Date of Report (Date of earliest event reported)

October 11, 2011 (May 18, 2011)

 

 

THE WET SEAL, INC.

(Exact name of registrant as specified in its charter)

 

 

 

Delaware   0-18632   33-0415940

(State or Other Jurisdiction

of Incorporation)

 

(Commission

File Number)

 

(IRS Employer

Identification No.)

26972 Burbank

Foothill Ranch, CA 92610

(Address of principal executive offices; zip code)

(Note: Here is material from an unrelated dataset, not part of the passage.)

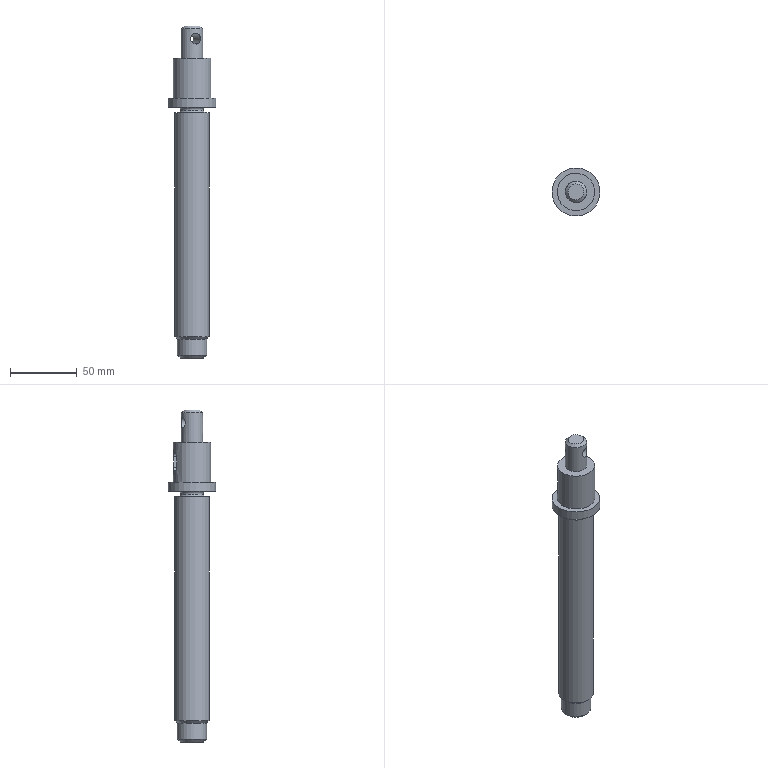Component | NX | LEADSCREW | 1 solid | 22 faces | volume 125555 mm3 | plane 9 | cylinder 8 | cone 3 | torus 2 | commonest cylinder face diameters 6 x2 16 x1 28 x1 36 x1 26 x1 22 x1 8 x1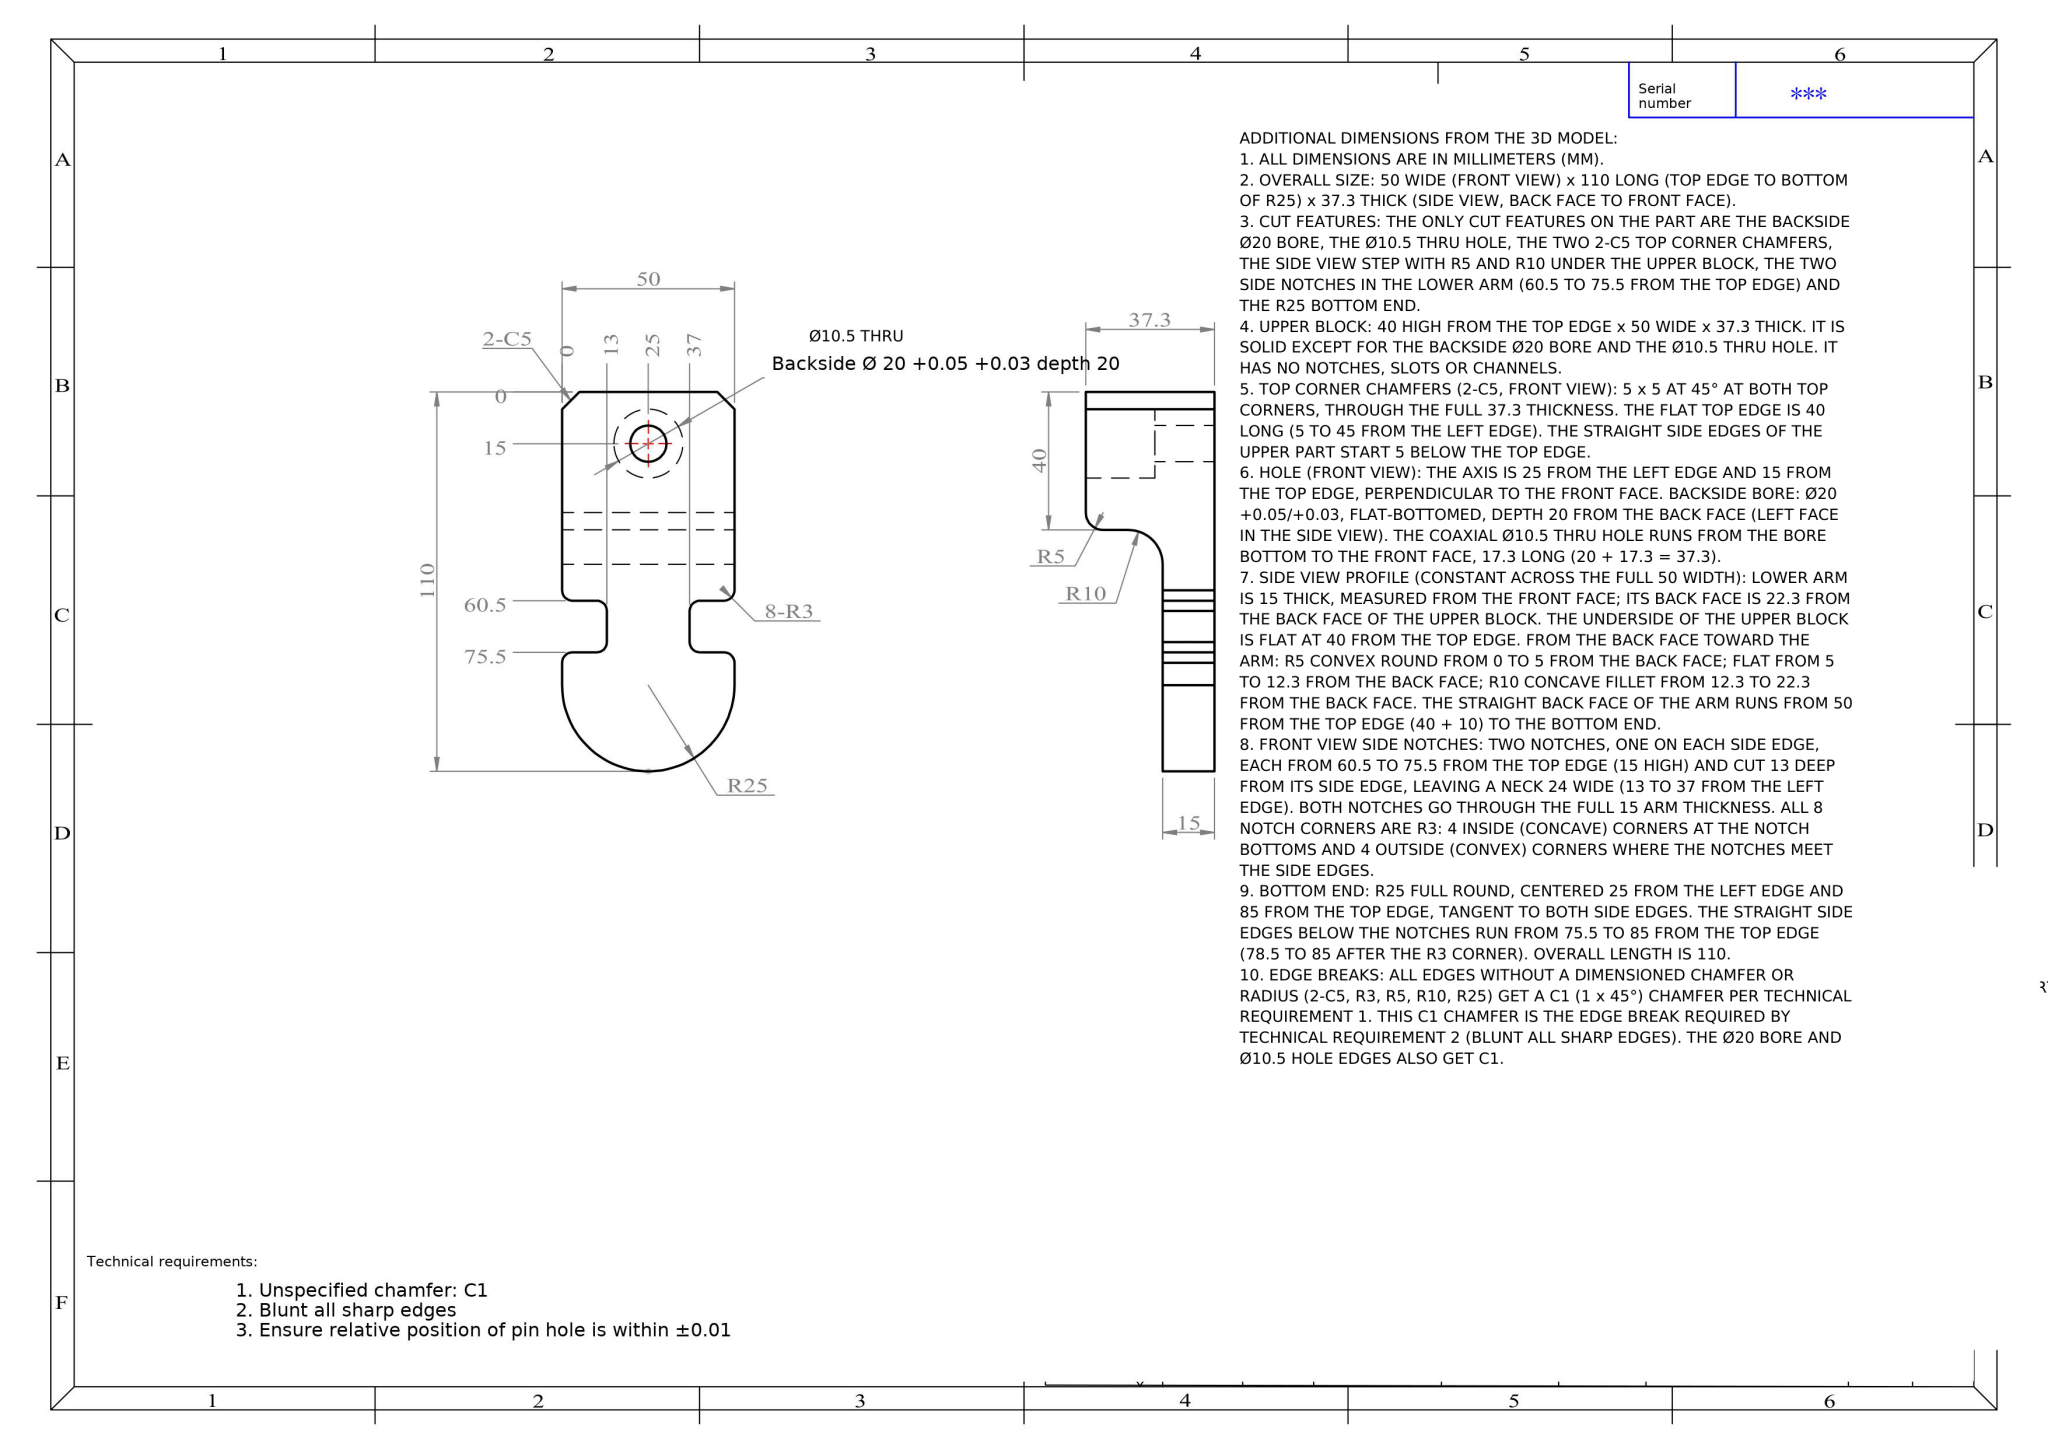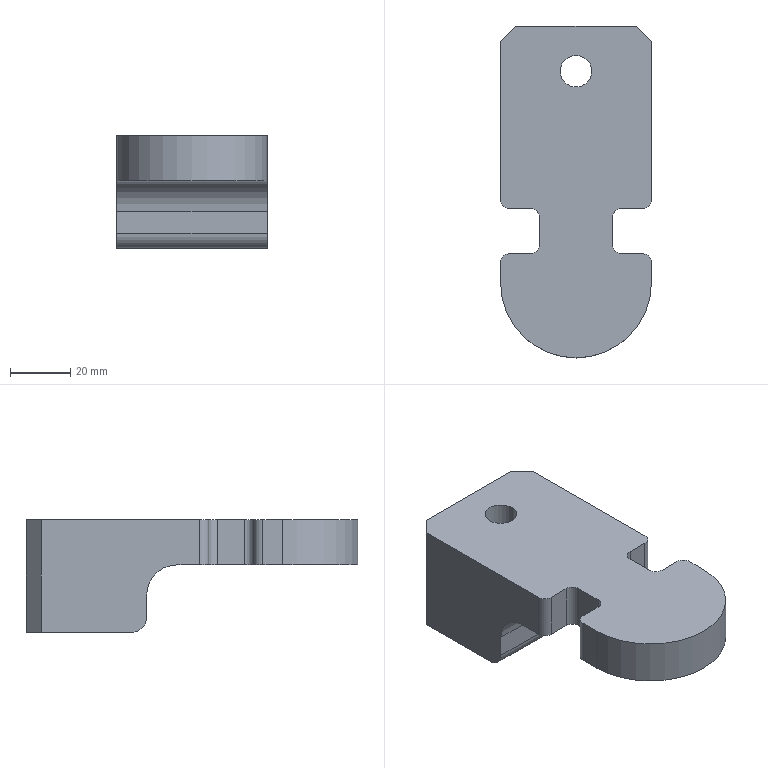Part | NX | mm | 1 solid | 33 faces | box 50 x 110 x 37.3 mm | volume 109317 mm3 | plane 18 | cylinder 15 | commonest cylinder face diameters 6 x8 20 x3 10.5 x2 10 x1 50 x1

Registrant’s telephone number, including area code:

(949) 699-3900

 

 

Check the appropriate box below if the Form 8-K filing is intended to simultaneously satisfy the filing obligations of the registrant under any of the following provisions:

 

¨ Written communications pursuant to Rule 425 under the Securities Act (17 CFR 230.425)

 

¨ Soliciting material pursuant to Rule 14a-12 under the Exchange Act (17 CFR 240.14a-12)

 

¨ Pre-commencement communications pursuant to Rule 14d-2(b) under the Exchange Act (17 CFR 240.14d-2(b))

 

¨ Pre-commencement communications pursuant to Rule 13e-4(c) under the Exchange Act (17 CFR 240.13e-4(c))

 

 

 


EXPLANATORY NOTE

This Form 8-K/A (the “Amendment”) updates information disclosed in a Current Report on Form 8-K filed on May 20, 2011 (the “Original Filing”) relating to The Wet Seal, Inc. (“Wet Seal”) 2011 Annual Meeting of Stockholders held on May 18, 2011 (the “Annual Meeting”). The sole purpose of this Amendment is to disclose Wet Seal’s decision as to how frequently it will conduct future stockholder advisory votes regarding compensation awarded to its named executive officers. No other changes have been made to the Original Filing.

Item 5.07(d). Submission of Matters to a Vote of Security Holders.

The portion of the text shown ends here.